Control of the mesoscopic organization of conjugated thiophene oligomers, induced by self-assembly properties

Abstract

In order to analyse the dependence of charge transport in conjugated materials on their structural organization, three sexithiophene derivatives were studied, unsubstituted 6T and its di-hexyl substituted compounds, both on the terminal α positions (αωDH6T) and as pendant groups in β position (β, β′DH6T). X-ray diffraction characterization of vacuum evaporated thin films of these oligomers shows that 6T and α,ωDH6T consist of layered structures in a monoclinic arrangement, with all-trans planar molecules standing on the substrate. A large increase of molecular organization at the mesoscopic level is observed when passing from 6T to α,ωDH6T, as shown by a much longer range ordering. Electrical characterizations show that the conductivity of α,ωDH6T is anisotropic, with a ratio of 120 in favor of the conductivity parallel to the substrate plane, ie along the stacking axis.

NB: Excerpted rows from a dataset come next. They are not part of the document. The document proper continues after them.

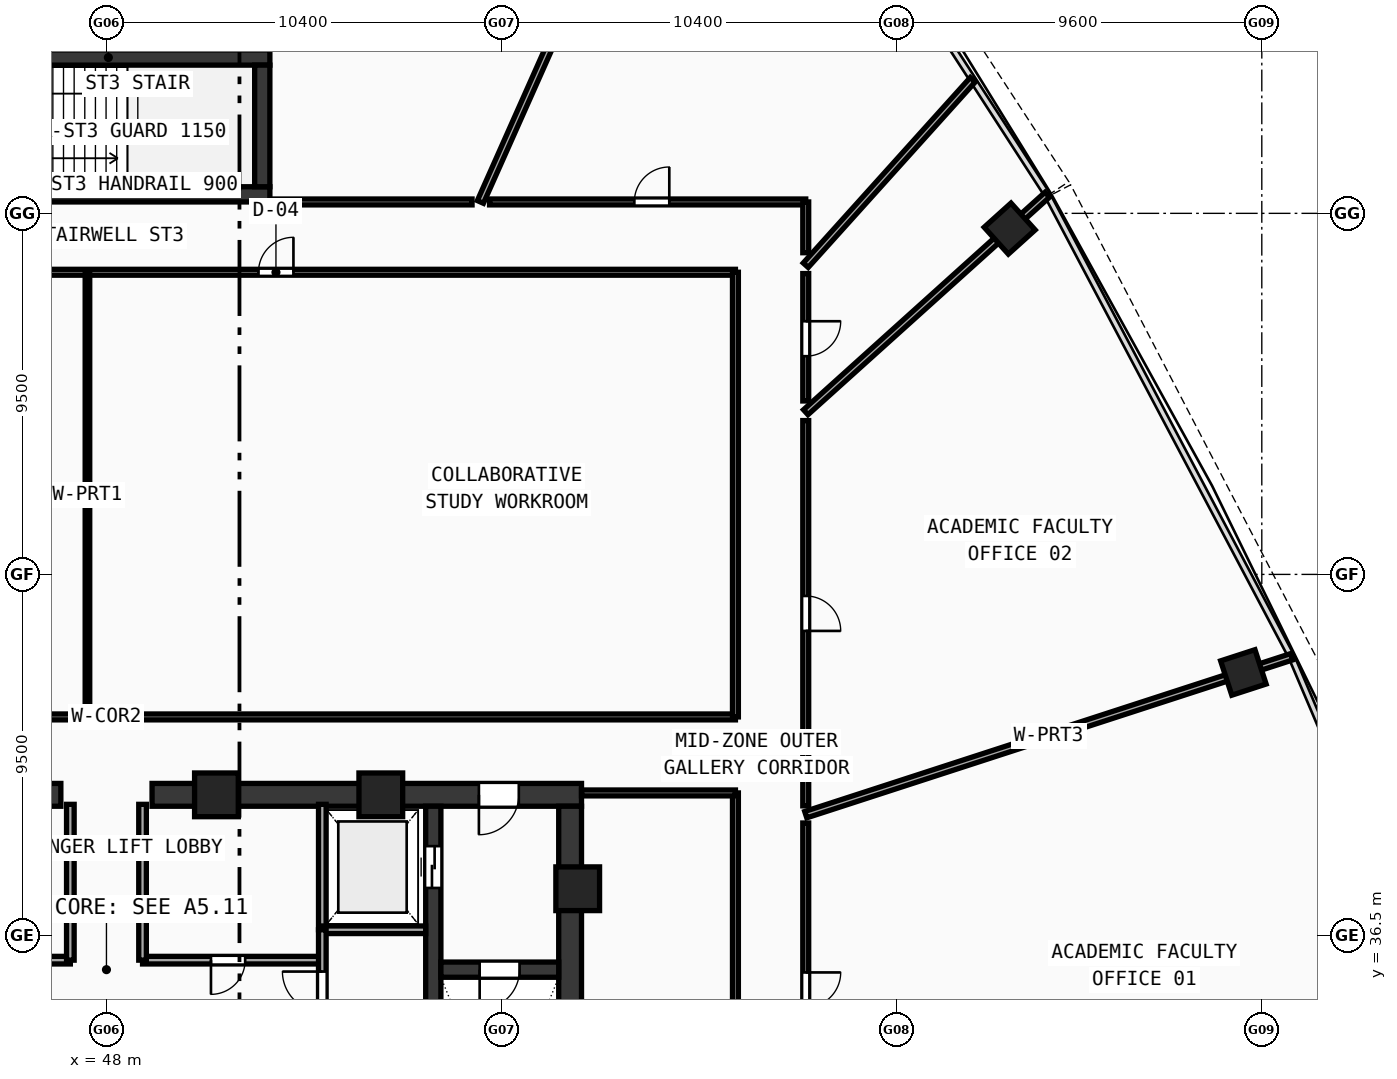
"""IFC4 building model, lengths in metres.
Left out: names, types, materials, properties, quantities, classifications, styles, units other than length and angle.
Written with IfcOpenShell. Run it as: python <this file> out.ifc"""

import sys

from ifc_helpers import new_model, si_unit, direction, frame, frame_2d, origin, origin_with_axes, origin_2d, place, context, subcontext, project, spatial, rectangle, hollow_rectangle, extrude, source, transform, mapped, element, fill, save


model = new_model("IFC4")
c1 = context("Model", 3, precision=1e-05, world=origin(), true_north=direction((0.0, 1.0)))
c2 = subcontext(c1, "Body", "Model", "MODEL_VIEW")
j1 = project(units=[si_unit("LENGTHUNIT", "METRE"), si_unit("PLANEANGLEUNIT", "RADIAN")], contexts=[c1])
p1 = place(None, origin())
s1 = spatial("IfcSite", under=j1, at=p1, CompositionType="ELEMENT")
p2 = place(p1, origin())
s2 = spatial("IfcBuilding", under=s1, at=p2, CompositionType="ELEMENT")
p3 = place(p2, frame((0.0, 0.0, 151.91)))
s3 = spatial("IfcBuildingStorey", under=s2, at=p3, CompositionType="ELEMENT", Elevation=151.91)
p4 = place(p3, frame((35.5, 40.2, 0.0), z_axis=(0.0, 0.0, 1.0), x_axis=(1.0, 0.0, 0.0)))
e1 = element("IfcWall", 1, at=p4, inside=s3, PredefinedType="SHEAR", context=c2, shape_type="SweptSolid", body=[
    extrude(rectangle(XDim=11.3, YDim=0.6, at=frame_2d((5.65, 0.0))), origin(), (0.0, 0.0, 1.0), 3.42),
])
p5 = place(p4, frame((1.65, 0.0, 0.0)))
e2 = element("IfcOpeningElement", 2, at=p5, cuts=e1, PredefinedType="OPENING", context=c2, shape_type="SweptSolid", body=[
    extrude(rectangle(XDim=1.05, YDim=2.1, at=frame_2d((0.525, 1.05))), frame((0.0, 0.31, 0.0), z_axis=(0.0, -1.0, 0.0), x_axis=(1.0, 0.0, 0.0)), (0.0, 0.0, 1.0), 0.62),
])
p6 = place(p3, frame((49.2, 40.2, 0.0), z_axis=(0.0, 0.0, 1.0), x_axis=(1.0, 0.0, 0.0)))
e3 = element("IfcWall", 3, at=p6, inside=s3, PredefinedType="SHEAR", context=c2, shape_type="SweptSolid", body=[
    extrude(rectangle(XDim=11.3, YDim=0.6, at=frame_2d((5.65, 0.0))), origin(), (0.0, 0.0, 1.0), 3.42),
])
p7 = place(p6, frame((8.6, 0.0, 0.0)))
e4 = element("IfcOpeningElement", 4, at=p7, cuts=e3, PredefinedType="OPENING", context=c2, shape_type="SweptSolid", body=[
    extrude(rectangle(XDim=1.05, YDim=2.1, at=frame_2d((0.525, 1.05))), frame((0.0, 0.31, 0.0), z_axis=(0.0, -1.0, 0.0), x_axis=(1.0, 0.0, 0.0)), (0.0, 0.0, 1.0), 0.62),
])
p8 = place(p3, frame((60.2, 27.8, 0.0), z_axis=(0.0, 0.0, 1.0), x_axis=(0.0, 1.0, 0.0)))
e5 = element("IfcWall", 5, at=p8, inside=s3, PredefinedType="SHEAR", context=c2, shape_type="SweptSolid", body=[
    extrude(rectangle(XDim=12.1, YDim=0.6, at=frame_2d((6.05, 0.0))), origin(), (0.0, 0.0, 1.0), 3.42),
])
p9 = place(p3, frame((56.6, 27.8, 0.0), z_axis=(0.0, 0.0, 1.0), x_axis=(0.0, 1.0, 0.0)))
e6 = element("IfcWall", 6, at=p9, inside=s3, PredefinedType="SHEAR", context=c2, shape_type="SweptSolid", body=[
    extrude(rectangle(XDim=12.1, YDim=0.4, at=frame_2d((6.05, 0.0))), origin(), (0.0, 0.0, 1.0), 3.42),
])
p10 = place(p9, frame((9.95, 0.0, 0.0)))
e7 = element("IfcOpeningElement", 7, at=p10, cuts=e6, PredefinedType="OPENING", context=c2, shape_type="SweptSolid", body=[
    extrude(rectangle(XDim=1.1, YDim=2.1, at=frame_2d((0.55, 1.05))), frame((0.0, 0.21, 0.0), z_axis=(0.0, -1.0, 0.0), x_axis=(1.0, 0.0, 0.0)), (0.0, 0.0, 1.0), 0.42),
])
p11 = place(p3, frame((56.8, 35.6, 0.0), z_axis=(0.0, 0.0, 1.0), x_axis=(1.0, 0.0, 0.0)))
e8 = element("IfcWall", 8, at=p11, inside=s3, PredefinedType="SHEAR", context=c2, shape_type="SweptSolid", body=[
    extrude(rectangle(XDim=3.1, YDim=0.4, at=frame_2d((1.55, 0.0))), origin(), (0.0, 0.0, 1.0), 3.42),
])
p12 = place(p11, frame((1.02, 0.0, 0.0)))
e9 = element("IfcOpeningElement", 9, at=p12, cuts=e8, PredefinedType="OPENING", context=c2, shape_type="SweptSolid", body=[
    extrude(rectangle(XDim=1.05, YDim=2.1, at=frame_2d((0.525, 1.05))), frame((0.0, 0.21, 0.0), z_axis=(0.0, -1.0, 0.0), x_axis=(1.0, 0.0, 0.0)), (0.0, 0.0, 1.0), 0.42),
])
p13 = place(p3, frame((43.8, 59.6, 0.0), z_axis=(0.0, 0.0, 1.0), x_axis=(1.0, 0.0, 0.0)))
e10 = element("IfcWall", 10, at=p13, inside=s3, PredefinedType="SHEAR", context=c2, shape_type="SweptSolid", body=[
    extrude(rectangle(XDim=8.5, YDim=0.4, at=frame_2d((4.25, 0.0))), origin(), (0.0, 0.0, 1.0), 3.42),
])
p14 = place(p3, frame((43.8, 56.0, 0.0), z_axis=(0.0, 0.0, 1.0), x_axis=(1.0, 0.0, 0.0)))
e11 = element("IfcWall", 11, at=p14, inside=s3, PredefinedType="SHEAR", context=c2, shape_type="SweptSolid", body=[
    extrude(rectangle(XDim=8.5, YDim=0.4, at=frame_2d((4.25, 0.0))), origin(), (0.0, 0.0, 1.0), 3.42),
])
p15 = place(p14, frame((0.62, 0.0, 0.0)))
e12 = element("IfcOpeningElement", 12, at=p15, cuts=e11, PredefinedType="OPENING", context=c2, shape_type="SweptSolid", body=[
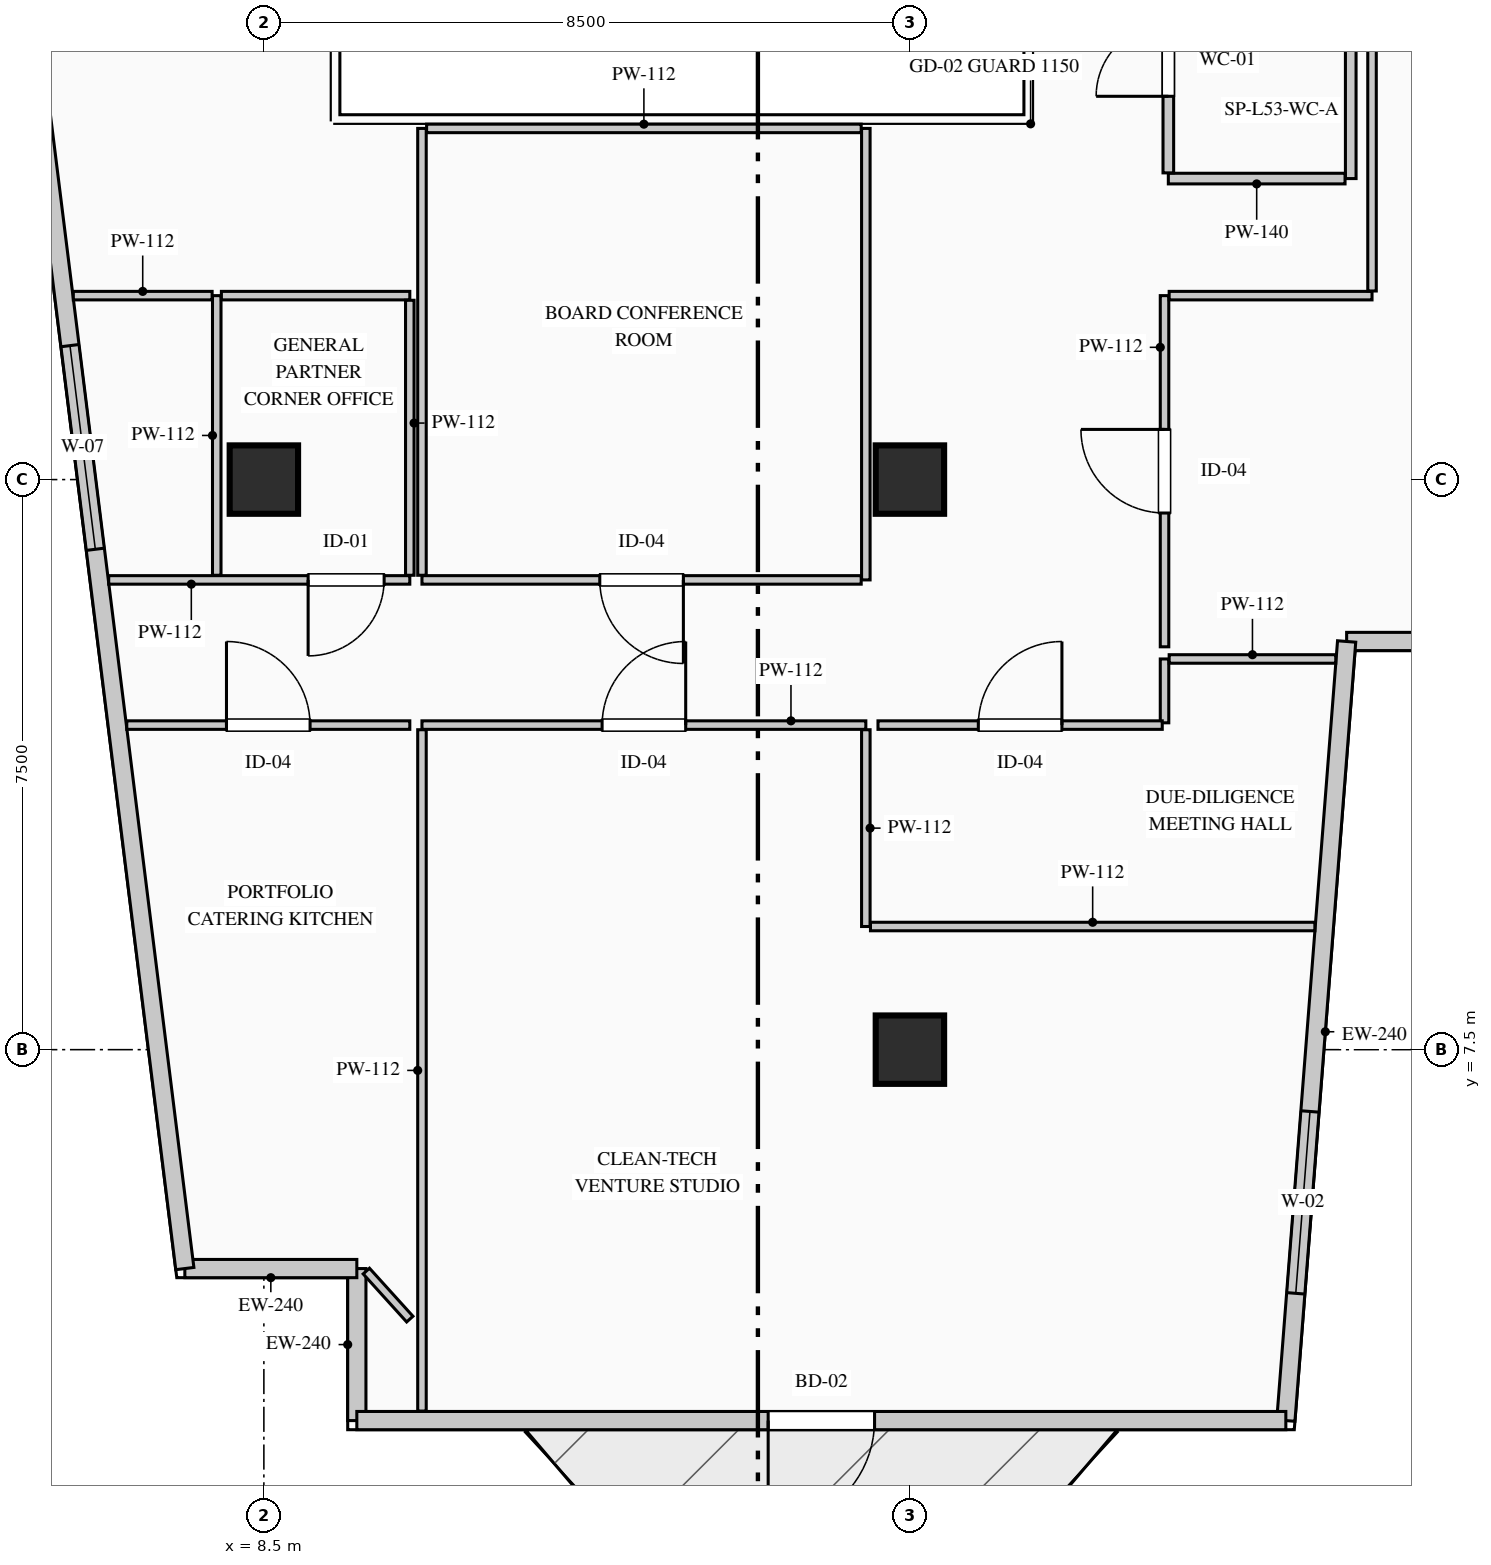
"""IFC4 building model, lengths in metres.
Left out: names, types, materials, properties, quantities, classifications, styles, units other than length and angle.
Written with IfcOpenShell. Run it as: python <this file> out.ifc"""

import sys

from ifc_helpers import new_model, si_unit, direction, frame, frame_2d, origin, origin_2d, place, context, subcontext, project, spatial, rectangle, extrude, element, fill, save


model = new_model("IFC4")
c1 = context("Model", 3, precision=1e-05, world=origin(), true_north=direction((0.0, 1.0)))
c2 = subcontext(c1, "Body", "Model", "MODEL_VIEW")
j1 = project(units=[si_unit("LENGTHUNIT", "METRE"), si_unit("PLANEANGLEUNIT", "RADIAN")], contexts=[c1])
p1 = place(None, origin())
s1 = spatial("IfcSite", under=j1, at=p1, CompositionType="ELEMENT")
p2 = place(p1, origin())
s2 = spatial("IfcBuilding", under=s1, at=p2, CompositionType="ELEMENT")
p3 = place(p2, frame((0.0, 0.0, 223.25)))
s3 = spatial("IfcBuildingStorey", under=s2, at=p3, CompositionType="ELEMENT", Elevation=223.25)
for number, where, z_axis, x_axis in (
    (1, (8.5, 15.0, 0.0), (0.0, 0.0, 1.0), (1.0, 0.0, 0.0)),
    (2, (17.0, 7.5, 0.0), (0.0, 0.0, 1.0), (1.0, 0.0, 0.0)),
    (3, (17.0, 15.0, 0.0), (0.0, 0.0, 1.0), (1.0, 0.0, 0.0)),
):
    element("IfcColumn", number, at=place(p3, frame(where, z_axis=z_axis, x_axis=x_axis)), inside=s3, PredefinedType="COLUMN", context=c2, shape_type="SweptSolid", body=[
        extrude(rectangle(XDim=0.9, YDim=0.9, at=origin_2d()), origin(), (0.0, 0.0, 1.0), 3.95),
    ])
p4 = place(p3, frame((9.723, 2.62, 0.0), z_axis=(0.0, 0.0, 1.0), x_axis=(0.0, 1.0, 0.0)))
e4 = element("IfcWall", 4, at=p4, inside=s3, PredefinedType="STANDARD", context=c2, shape_type="SweptSolid", body=[
    extrude(rectangle(XDim=2.0, YDim=0.24, at=frame_2d((1.0, 0.0))), origin(), (0.0, 0.0, 1.0), 3.7),
])
p5 = place(p3, frame((9.723, 4.62, 0.0), z_axis=(0.0, 0.0, 1.0), x_axis=(-1.0, 0.0, 0.0)))
e5 = element("IfcWall", 5, at=p5, inside=s3, PredefinedType="STANDARD", context=c2, shape_type="SweptSolid", body=[
    extrude(rectangle(XDim=2.263, YDim=0.24, at=frame_2d((1.131, 0.0))), origin(), (0.0, 0.0, 1.0), 3.7),
])
p6 = place(p3, frame((7.46, 4.62, 0.0), z_axis=(0.0, 0.0, 1.0), x_axis=(-0.123515576323, 0.992342633573, 0.0)))
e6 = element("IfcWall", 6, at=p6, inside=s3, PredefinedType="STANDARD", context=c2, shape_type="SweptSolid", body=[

The charge carrier mobility, determined on field-effect transistors realized from these conjugated oligomers, also shows a large increase when passing from 6T to α,ωDH6T, reaching a value of 5 × 10 −2 cm 2 V −1 s −1, in contrast with β,β′DH6T which presents very low conductivity and mobility. These results are attributed to the self-assembly properties brought by alkyl groups in the α,ω position.